Ensuring safety through continuous CREOLA evaluation

At TORTUS, we commit to meticulously evaluate every modification we make to our models, down to adjusting a few words in a prompt. For every change, we generate data that we pass through CREOLA and compare it to a decided-upon baseline dataset. Recognising the subjectivity inherent in annotation, we require annotation by at least two clinicians for each input-output pair. This step is followed by a consolidation step, i.e. a detailed review by our internal team of clinicians, ensuring a consistent evaluation of all annotations.

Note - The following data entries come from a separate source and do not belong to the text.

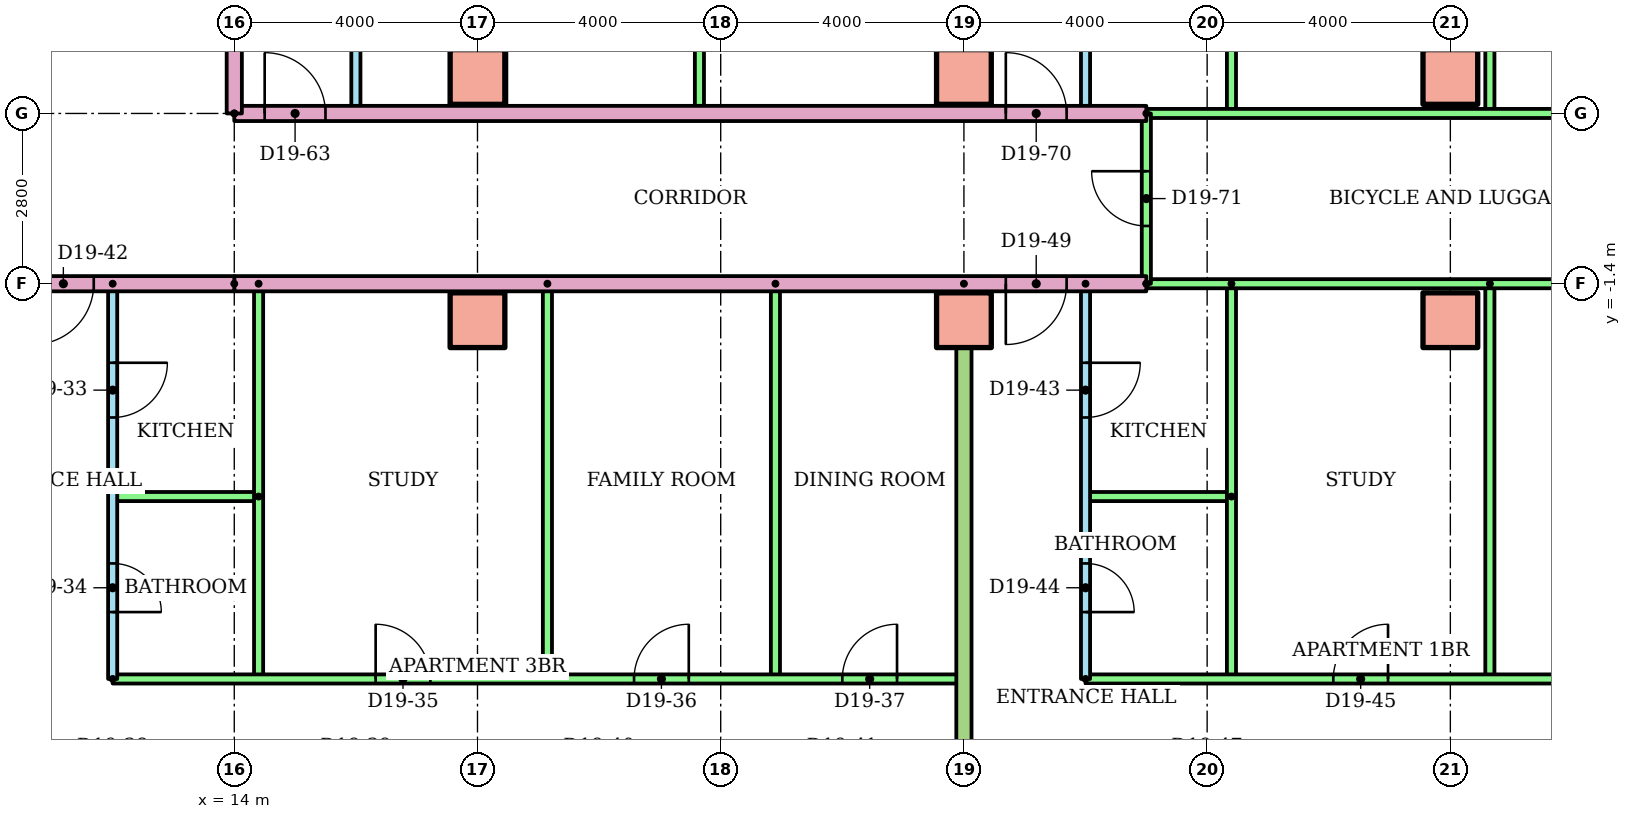
"""IFC4 building model, lengths in metres.
Left out: names, types, materials, properties, quantities, classifications, styles, units other than length and angle.
Written with IfcOpenShell. Run it as: python <this file> out.ifc"""

import sys

from ifc_helpers import new_model, si_unit, direction, frame, frame_2d, origin, origin_2d, place, context, subcontext, project, spatial, rectangle, extrude, element, fill, save


model = new_model("IFC4")
c1 = context("Model", 3, precision=1e-05, world=origin(), true_north=direction((0.0, 1.0)))
c2 = subcontext(c1, "Body", "Model", "MODEL_VIEW")
j1 = project(units=[si_unit("LENGTHUNIT", "METRE"), si_unit("PLANEANGLEUNIT", "RADIAN")], contexts=[c1])
p1 = place(None, origin())
s1 = spatial("IfcSite", under=j1, at=p1, CompositionType="ELEMENT")
p2 = place(p1, origin())
s2 = spatial("IfcBuilding", under=s1, at=p2, CompositionType="ELEMENT")
p3 = place(p2, frame((0.0, 0.0, 77.5)))
s3 = spatial("IfcBuildingStorey", under=s2, at=p3, CompositionType="ELEMENT", Elevation=77.5)
for number, where in (
    (1, (18.0, -2.0, 0.0)),
    (2, (26.0, -2.0, 0.0)),
    (3, (34.0, -2.0, 0.0)),
    (4, (18.0, 2.0, 0.0)),
    (5, (26.0, 2.0, 0.0)),
    (6, (34.0, 2.0, 0.0)),
):
    element("IfcColumn", number, at=place(p3, frame(where)), inside=s3, PredefinedType="COLUMN", context=c2, shape_type="SweptSolid", body=[
        extrude(rectangle(XDim=0.9, YDim=0.9, at=origin_2d()), origin(), (0.0, 0.0, 1.0), 3.2),
    ])
p4 = place(p3, frame((12.0, -1.4, 0.0), z_axis=(0.0, 0.0, 1.0), x_axis=(0.0, -1.0, 0.0)))
e7 = element("IfcWall", 7, at=p4, inside=s3, PredefinedType="PARTITIONING", context=c2, shape_type="SweptSolid", body=[
    extrude(rectangle(XDim=6.5, YDim=0.15, at=frame_2d((3.25, 0.0))), origin(), (0.0, 0.0, 1.0), 2.4),
])
p5 = place(p4, frame((1.3, 0.0, 0.0)))
e8 = element("IfcOpeningElement", 8, at=p5, cuts=e7, PredefinedType="OPENING", context=c2, shape_type="SweptSolid", body=[
    extrude(rectangle(XDim=0.9, YDim=2.1, at=frame_2d((0.45, 1.05))), frame((0.0, 0.085, 0.0), z_axis=(0.0, -1.0, 0.0), x_axis=(1.0, 0.0, 0.0)), (0.0, 0.0, 1.0), 0.17),
])
p6 = place(p4, frame((4.6, 0.0, 0.0)))
e9 = element("IfcOpeningElement", 9, at=p6, cuts=e7, PredefinedType="OPENING", context=c2, shape_type="SweptSolid", body=[
    extrude(rectangle(XDim=0.8, YDim=2.1, at=frame_2d((0.4, 1.05))), frame((0.0, 0.085, 0.0), z_axis=(0.0, -1.0, 0.0), x_axis=(1.0, 0.0, 0.0)), (0.0, 0.0, 1.0), 0.17),
])
p7 = place(p3, frame((14.4, -4.9, 0.0), z_axis=(0.0, 0.0, 1.0), x_axis=(-1.0, 0.0, 0.0)))
e10 = element("IfcWall", 10, at=p7, inside=s3, PredefinedType="PARTITIONING", context=c2, shape_type="SweptSolid", body=[
    extrude(rectangle(XDim=2.4, YDim=0.15, at=frame_2d((1.2, 0.0))), origin(), (0.0, 0.0, 1.0), 2.4),
])
for number, where, z_axis, x_axis in (
    (11, (14.4, -1.4, 0.0), (0.0, 0.0, 1.0), (0.0, -1.0, 0.0)),
    (12, (19.15, -1.4, 0.0), (0.0, 0.0, 1.0), (0.0, -1.0, 0.0)),
    (13, (22.9, -1.4, 0.0), (0.0, 0.0, 1.0), (0.0, -1.0, 0.0)),
):
    element("IfcWall", number, at=place(p3, frame(where, z_axis=z_axis, x_axis=x_axis)), inside=s3, PredefinedType="PARTITIONING", context=c2, shape_type="SweptSolid", body=[
        extrude(rectangle(XDim=6.5, YDim=0.15, at=frame_2d((3.25, 0.0))), origin(), (0.0, 0.0, 1.0), 2.4),
    ])
p8 = place(p3, frame((12.0, -7.9, 0.0)))
e14 = element("IfcWall", 14, at=p8, inside=s3, PredefinedType="PARTITIONING", context=c2, shape_type="SweptSolid", body=[
    extrude(rectangle(XDim=14.0, YDim=0.15, at=frame_2d((7.0, 0.0))), origin(), (0.0, 0.0, 1.0), 2.4),
])
p9 = place(p8, frame((4.325, 0.0, 0.0)))
e15 = element("IfcOpeningElement", 15, at=p9, cuts=e14, PredefinedType="OPENING", context=c2, shape_type="SweptSolid", body=[
    extrude(rectangle(XDim=0.9, YDim=2.1, at=frame_2d((0.45, 1.05))), frame((0.0, 0.085, 0.0), z_axis=(0.0, -1.0, 0.0), x_axis=(1.0, 0.0, 0.0)), (0.0, 0.0, 1.0), 0.17),
])
p10 = place(p8, frame((8.575, 0.0, 0.0)))
e16 = element("IfcOpeningElement", 16, at=p10, cuts=e14, PredefinedType="OPENING", context=c2, shape_type="SweptSolid", body=[
    extrude(rectangle(XDim=0.9, YDim=2.1, at=frame_2d((0.45, 1.05))), frame((0.0, 0.085, 0.0), z_axis=(0.0, -1.0, 0.0), x_axis=(1.0, 0.0, 0.0)), (0.0, 0.0, 1.0), 0.17),
])
p11 = place(p8, frame((12.0, 0.0, 0.0)))
e17 = element("IfcOpeningElement", 17, at=p11, cuts=e14, PredefinedType="OPENING", context=c2, shape_type="SweptSolid", body=[
    extrude(rectangle(XDim=0.9, YDim=2.1, at=frame_2d((0.45, 1.05))), frame((0.0, 0.085, 0.0), z_axis=(0.0, -1.0, 0.0), x_axis=(1.0, 0.0, 0.0)), (0.0, 0.0, 1.0), 0.17),
])
p12 = place(p3, frame((28.0, -1.4, 0.0), z_axis=(0.0, 0.0, 1.0), x_axis=(0.0, -1.0, 0.0)))
e18 = element("IfcWall", 18, at=p12, inside=s3, PredefinedType="PARTITIONING", context=c2, shape_type="SweptSolid", body=[
    extrude(rectangle(XDim=6.5, YDim=0.15, at=frame_2d((3.25, 0.0))), origin(), (0.0, 0.0, 1.0), 2.4),
])
p13 = place(p12, frame((1.3, 0.0, 0.0)))
e19 = element("IfcOpeningElement", 19, at=p13, cuts=e18, PredefinedType="OPENING", context=c2, shape_type="SweptSolid", body=[
    extrude(rectangle(XDim=0.9, YDim=2.1, at=frame_2d((0.45, 1.05))), frame((0.0, 0.085, 0.0), z_axis=(0.0, -1.0, 0.0), x_axis=(1.0, 0.0, 0.0)), (0.0, 0.0, 1.0), 0.17),
])
p14 = place(p12, frame((4.6, 0.0, 0.0)))
e20 = element("IfcOpeningElement", 20, at=p14, cuts=e18, PredefinedType="OPENING", context=c2, shape_type="SweptSolid", body=[
    extrude(rectangle(XDim=0.8, YDim=2.1, at=frame_2d((0.4, 1.05))), frame((0.0, 0.085, 0.0), z_axis=(0.0, -1.0, 0.0), x_axis=(1.0, 0.0, 0.0)), (0.0, 0.0, 1.0), 0.17),
])
p15 = place(p3, frame((30.4, -4.9, 0.0), z_axis=(0.0, 0.0, 1.0), x_axis=(-1.0, 0.0, 0.0)))
e21 = element("IfcWall", 21, at=p15, inside=s3, PredefinedType="PARTITIONING", context=c2, shape_type="SweptSolid", body=[
    extrude(rectangle(XDim=2.4, YDim=0.15, at=frame_2d((1.2, 0.0))), origin(), (0.0, 0.0, 1.0), 2.4),
])
for number, where, z_axis, x_axis in (
    (22, (30.4, -1.4, 0.0), (0.0, 0.0, 1.0), (0.0, -1.0, 0.0)),
    (23, (34.65, -1.4, 0.0), (0.0, 0.0, 1.0), (0.0, -1.0, 0.0)),
):
    element("IfcWall", number, at=place(p3, frame(where, z_axis=z_axis, x_axis=x_axis)), inside=s3, PredefinedType="PARTITIONING", context=c2, shape_type="SweptSolid", body=[
        extrude(rectangle(XDim=6.5, YDim=0.15, at=frame_2d((3.25, 0.0))), origin(), (0.0, 0.0, 1.0), 2.4),
    ])
p16 = place(p3, frame((28.0, -7.9, 0.0)))
e24 = element("IfcWall", 24, at=p16, inside=s3, PredefinedType="PARTITIONING", context=c2, shape_type="SweptSolid", body=[
    extrude(rectangle(XDim=12.62, YDim=0.15, at=frame_2d((6.31, 0.0))), origin(), (0.0, 0.0, 1.0), 2.4),
])
p17 = place(p16, frame((4.075, 0.0, 0.0)))
e25 = element("IfcOpeningElement", 25, at=p17, cuts=e24, PredefinedType="OPENING", context=c2, shape_type="SweptSolid", body=[
    extrude(rectangle(XDim=0.9, YDim=2.1, at=frame_2d((0.45, 1.05))), frame((0.0, 0.085, 0.0), z_axis=(0.0, -1.0, 0.0), x_axis=(1.0, 0.0, 0.0)), (0.0, 0.0, 1.0), 0.17),
])
p18 = place(p16, frame((9.075, 0.0, 0.0)))
e26 = element("IfcOpeningElement", 26, at=p18, cuts=e24, PredefinedType="OPENING", context=c2, shape_type="SweptSolid", body=[
    extrude(rectangle(XDim=0.9, YDim=2.1, at=frame_2d((0.45, 1.05))), frame((0.0, 0.085, 0.0), z_axis=(0.0, -1.0, 0.0), x_axis=(1.0, 0.0, 0.0)), (0.0, 0.0, 1.0), 0.17),
])
p19 = place(p3, frame((26.0, -1.4, 0.0), z_axis=(0.0, 0.0, 1.0), x_axis=(0.0, -1.0, 0.0)))
e27 = element("IfcWall", 27, at=p19, inside=s3, PredefinedType="PARTITIONING", context=c2, shape_type="SweptSolid", body=[
    extrude(rectangle(XDim=14.81, YDim=0.25, at=frame_2d((7.405, 0.0))), origin(), (0.0, 0.0, 1.0), 2.4),
])
p20 = place(p3, frame((29.0, -1.4, 0.0), z_axis=(0.0, 0.0, 1.0), x_axis=(-1.0, 0.0, 0.0)))
e28 = element("IfcWall", 28, at=p20, inside=s3, PredefinedType="PARTITIONING", context=c2, shape_type="SweptSolid", body=[
    extrude(rectangle(XDim=15.0, YDim=0.25, at=frame_2d((7.5, 0.0))), origin(), (0.0, 0.0, 1.0), 2.4),
])
p21 = place(p20, frame((1.311, 0.0, 0.0)))
e29 = element("IfcOpeningElement", 29, at=p21, cuts=e28, PredefinedType="OPENING", context=c2, shape_type="SweptSolid", body=[
    extrude(rectangle(XDim=1.0, YDim=2.1, at=frame_2d((0.5, 1.05))), frame((0.0, 0.135, 0.0), z_axis=(0.0, -1.0, 0.0), x_axis=(1.0, 0.0, 0.0)), (0.0, 0.0, 1.0), 0.27),
])
p22 = place(p3, frame((40.62, -1.4, 0.0), z_axis=(0.0, 0.0, 1.0), x_axis=(-1.0, 0.0, 0.0)))
e30 = element("IfcWall", 30, at=p22, inside=s3, PredefinedType="PARTITIONING", context=c2, shape_type="SweptSolid", body=[
    extrude(rectangle(XDim=11.62, YDim=0.15, at=frame_2d((5.81, 0.0))), origin(), (0.0, 0.0, 1.0), 2.4),
])
p23 = place(p3, frame((16.0, 10.3, 0.0), z_axis=(0.0, 0.0, 1.0), x_axis=(0.0, -1.0, 0.0)))
e31 = element("IfcWall", 31, at=p23, inside=s3, PredefinedType="PARTITIONING", context=c2, shape_type="SweptSolid", body=[
    extrude(rectangle(XDim=8.9, YDim=0.15, at=frame_2d((4.45, 0.0))), origin(), (0.0, 0.0, 1.0), 2.4),
])
p24 = place(p23, frame((5.95, 0.0, 0.0)))
e32 = element("IfcOpeningElement", 32, at=p24, cuts=e31, PredefinedType="OPENING", context=c2, shape_type="SweptSolid", body=[
    extrude(rectangle(XDim=0.9, YDim=2.1, at=frame_2d((0.45, 1.05))), frame((0.0, 0.085, 0.0), z_axis=(0.0, -1.0, 0.0), x_axis=(1.0, 0.0, 0.0)), (0.0, 0.0, 1.0), 0.17),
])
p25 = place(p23, frame((1.55, 0.0, 0.0)))
e33 = element("IfcOpeningElement", 33, at=p25, cuts=e31, PredefinedType="OPENING", context=c2, shape_type="SweptSolid", body=[
    extrude(rectangle(XDim=0.8, YDim=2.1, at=frame_2d((0.4, 1.05))), frame((0.0, 0.085, 0.0), z_axis=(0.0, -1.0, 0.0), x_axis=(1.0, 0.0, 0.0)), (0.0, 0.0, 1.0), 0.17),
])
for number, where, z_axis, x_axis in (
    (34, (18.4, 10.3, 0.0), (0.0, 0.0, 1.0), (0.0, -1.0, 0.0)),
    (35, (21.65, 10.3, 0.0), (0.0, 0.0, 1.0), (0.0, -1.0, 0.0)),
):
    element("IfcWall", number, at=place(p3, frame(where, z_axis=z_axis, x_axis=x_axis)), inside=s3, PredefinedType="PARTITIONING", context=c2, shape_type="SweptSolid", body=[
        extrude(rectangle(XDim=8.9, YDim=0.15, at=frame_2d((4.45, 0.0))), origin(), (0.0, 0.0, 1.0), 2.4),
    ])
p26 = place(p3, frame((28.0, 10.3, 0.0), z_axis=(0.0, 0.0, 1.0), x_axis=(0.0, -1.0, 0.0)))
e36 = element("IfcWall", 36, at=p26, inside=s3, PredefinedType="PARTITIONING", context=c2, shape_type="SweptSolid", body=[
    extrude(rectangle(XDim=8.9, YDim=0.15, at=frame_2d((4.45, 0.0))), origin(), (0.0, 0.0, 1.0), 2.4),
])
p27 = place(p26, frame((5.95, 0.0, 0.0)))
e37 = element("IfcOpeningElement", 37, at=p27, cuts=e36, PredefinedType="OPENING", context=c2, shape_type="SweptSolid", body=[
    extrude(rectangle(XDim=0.9, YDim=2.1, at=frame_2d((0.45, 1.05))), frame((0.0, 0.085, 0.0), z_axis=(0.0, -1.0, 0.0), x_axis=(1.0, 0.0, 0.0)), (0.0, 0.0, 1.0), 0.17),
])
p28 = place(p26, frame((1.55, 0.0, 0.0)))
e38 = element("IfcOpeningElement", 38, at=p28, cuts=e36, PredefinedType="OPENING", context=c2, shape_type="SweptSolid", body=[
    extrude(rectangle(XDim=0.8, YDim=2.1, at=frame_2d((0.4, 1.05))), frame((0.0, 0.085, 0.0), z_axis=(0.0, -1.0, 0.0), x_axis=(1.0, 0.0, 0.0)), (0.0, 0.0, 1.0), 0.17),
])
for number, where, z_axis, x_axis in (
    (39, (30.4, 10.3, 0.0), (0.0, 0.0, 1.0), (0.0, -1.0, 0.0)),
    (40, (34.65, 10.3, 0.0), (0.0, 0.0, 1.0), (0.0, -1.0, 0.0)),
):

Following annotation and consolidation, we proceed to the analysis phase. Here, we employ a range of metrics to quantify how the alterations impact the model’s output (e.g. the total number of major hallucinations, the frequency of documents exhibiting at least one major hallucination, and the average number of major hallucinations per document). These metrics are then compared to our baseline to verify if the changes align with clinically safe standards.

Only modifications that pass this rigorous evaluation are considered for integration into our product. Any change that falls short undergoes a detailed review to pinpoint deficiencies, followed by the implementation of necessary adjustments, and the initiation of a new CREOLA cycle. Through this rigorous pipeline, we are establishing a continuous evaluation of AI models to enhance patient care while prioritising and maintaining the highest safety standards.

Figure 5: Ensuring safe integration through continuous CREOLA evaluation: Each modification is meticulously examined across several phases, including annotation and consolidation, to assess its safety and efficacy. Only changes that meet our strict standards are incorporated into our clinical product, ensuring the highest level of patient care.